Affiliation:
1. Faculty of Electrical Engineering and Computer Science, Ningbo University, Ningbo 315211, China
2. Faculty of Finance and Information, Ningbo University of Finance & Economics, Ningbo 315175, China
Abstract
Mining high-utility pattern (HUP) on transactional datasets has been widely discussed, and various algorithms have been introduced to settle this problem. However, the time-space efficiency of the algorithms is still limited, and the mining system cannot provide timely feedback on relevant information. In addition, when mining HUP from taxonomy transactional datasets, a large portion of the quantitative results are just accidental responses to the user-defined utility constraints, and they may have no statistical significance.
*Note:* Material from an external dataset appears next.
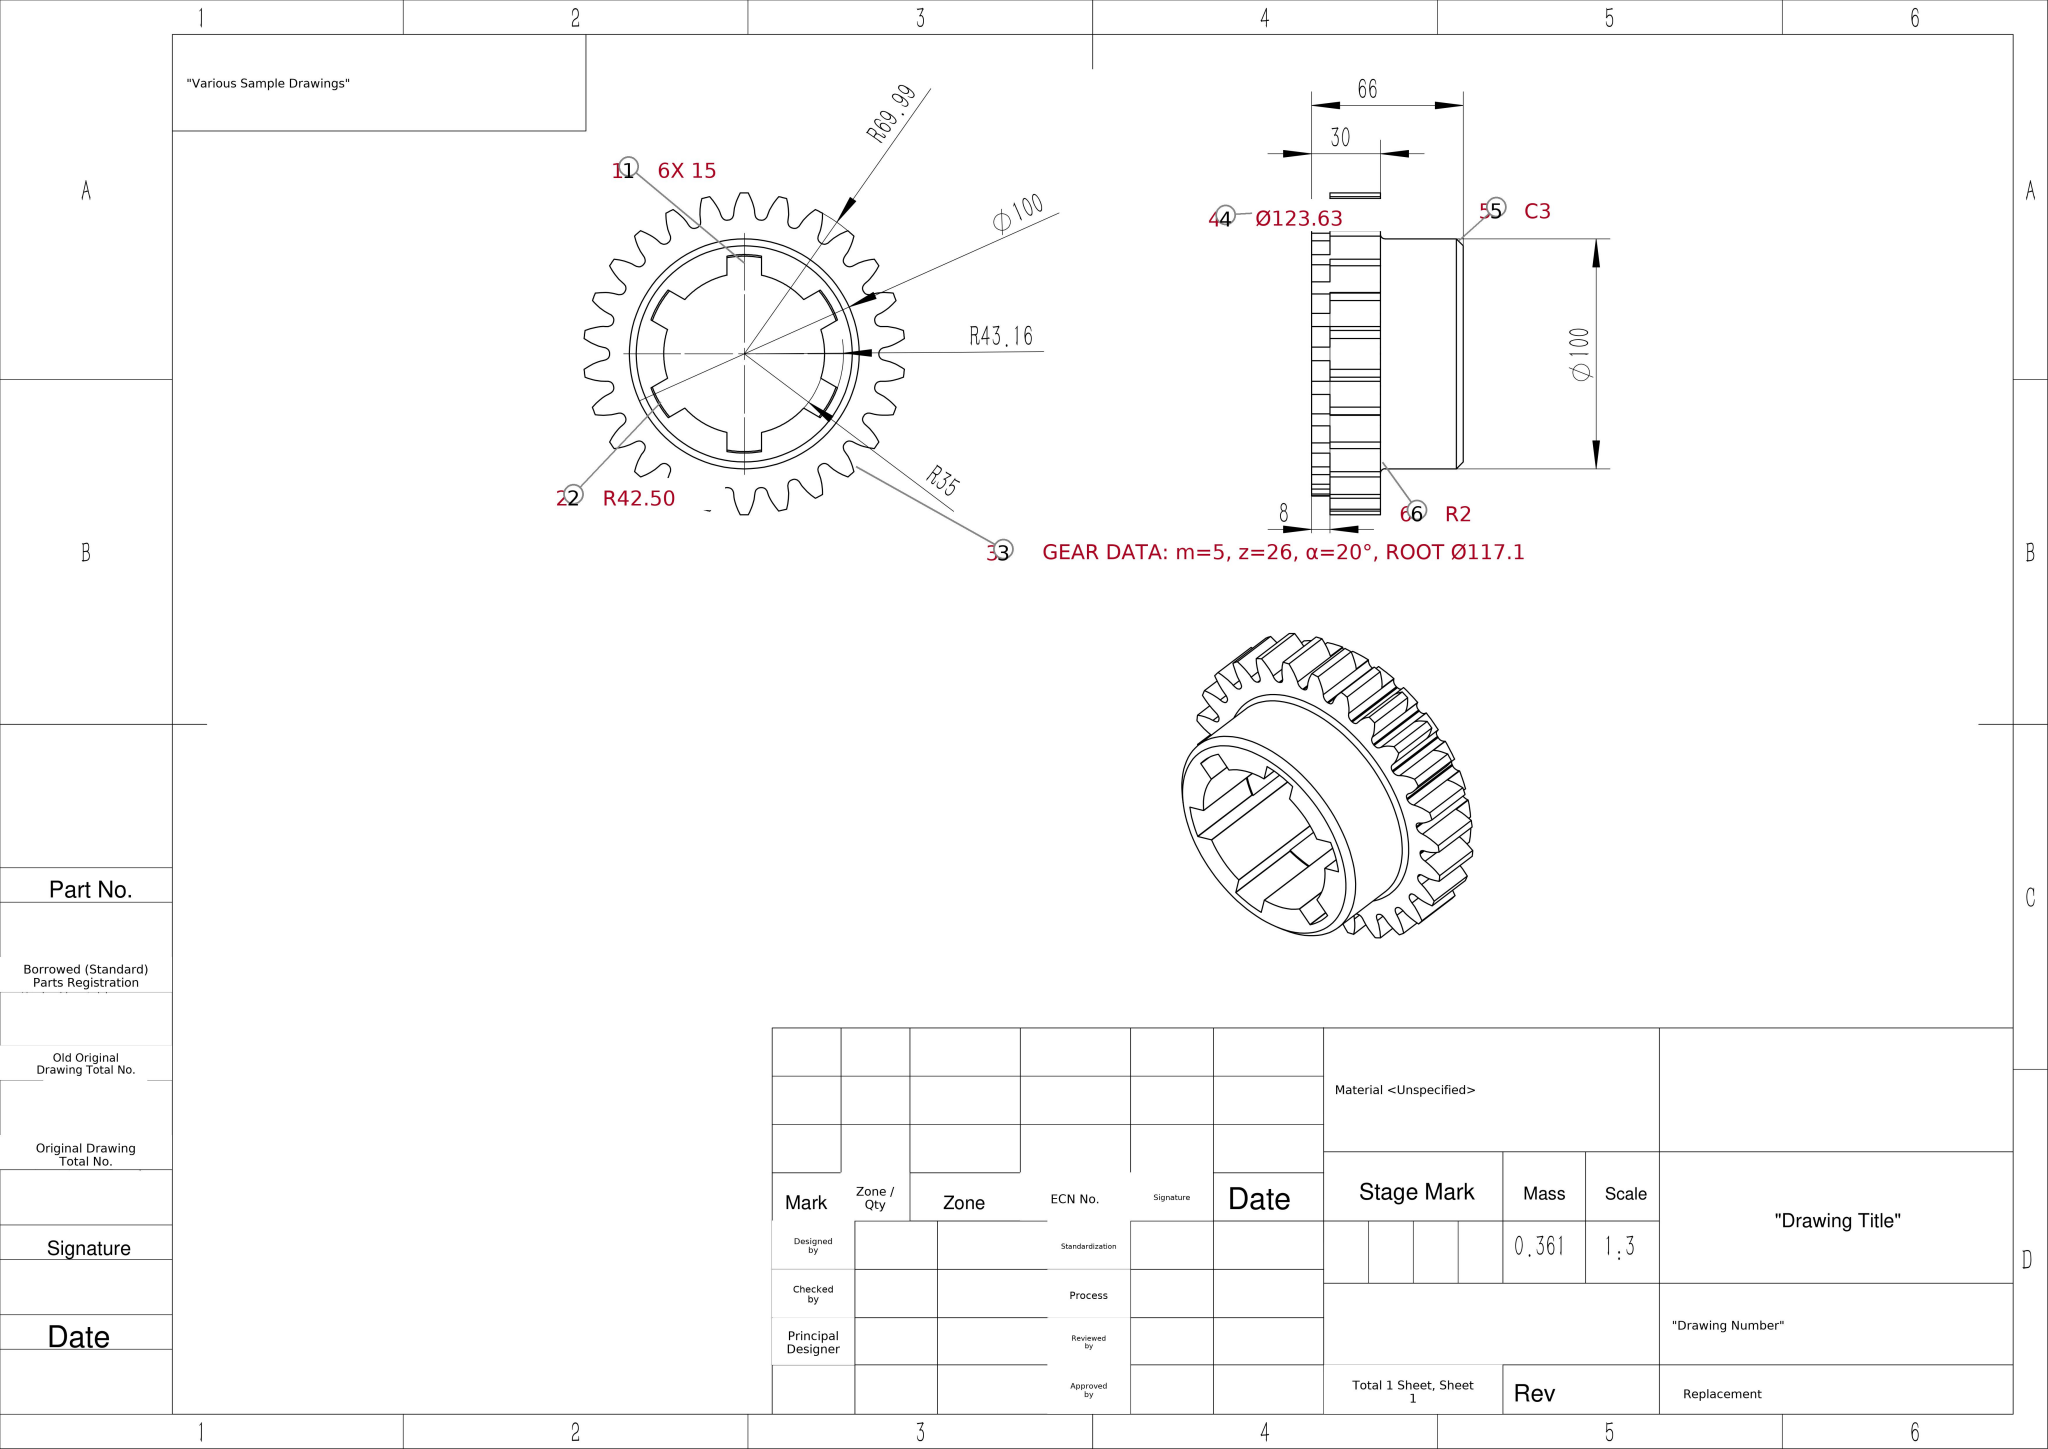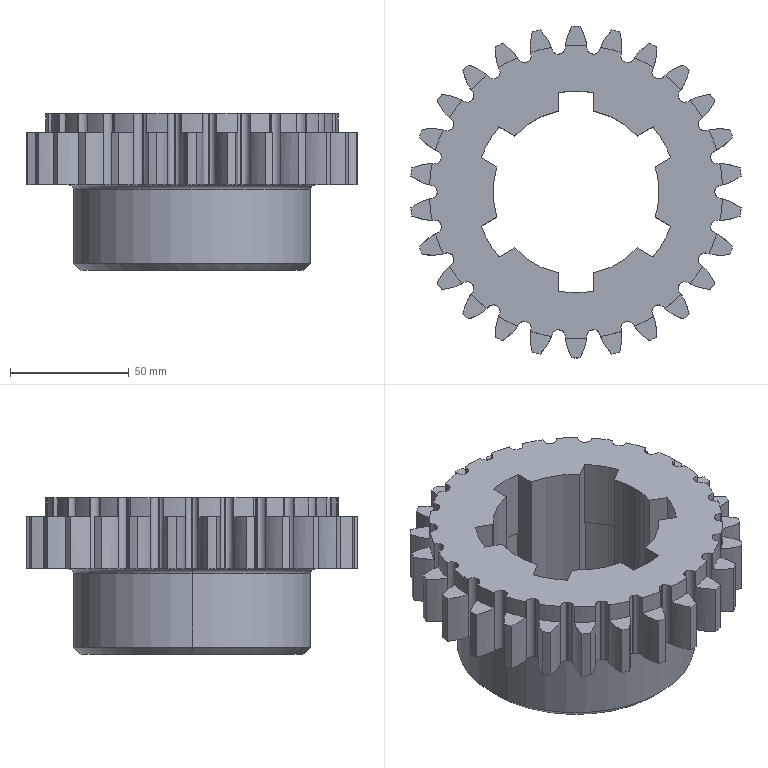Part | SolidWorks | mm | 1 solid | 308 faces | box 139.34 x 139.98 x 66 mm | volume 361067 mm3 | spline 104 | cylinder 101 | plane 99 | cone 2 | torus 2 | commonest cylinder face diameters 0.2 x28 139.98 x26 123.627 x26 70 x7 85 x6 86.313 x6 100 x2

To address these two problems, we propose two corresponding approaches named Sampling HUP-Miner and Significant HUP-Miner. Sampling HUP-Miner pursues a sample size of a transitional dataset based on a theoretical guarantee; the mining results based on such a sample size can be an effective approximation to the results on the whole datasets. Significant HUP-Miner proposes the concept of testable support, and significant HUPs could be drawn timely based on the constraint of testable support. Experiments show that the designed two algorithms can discover approximate and significant HUPs smoothly and perform well according to the runtime, pattern numbers, memory usage, and average utility.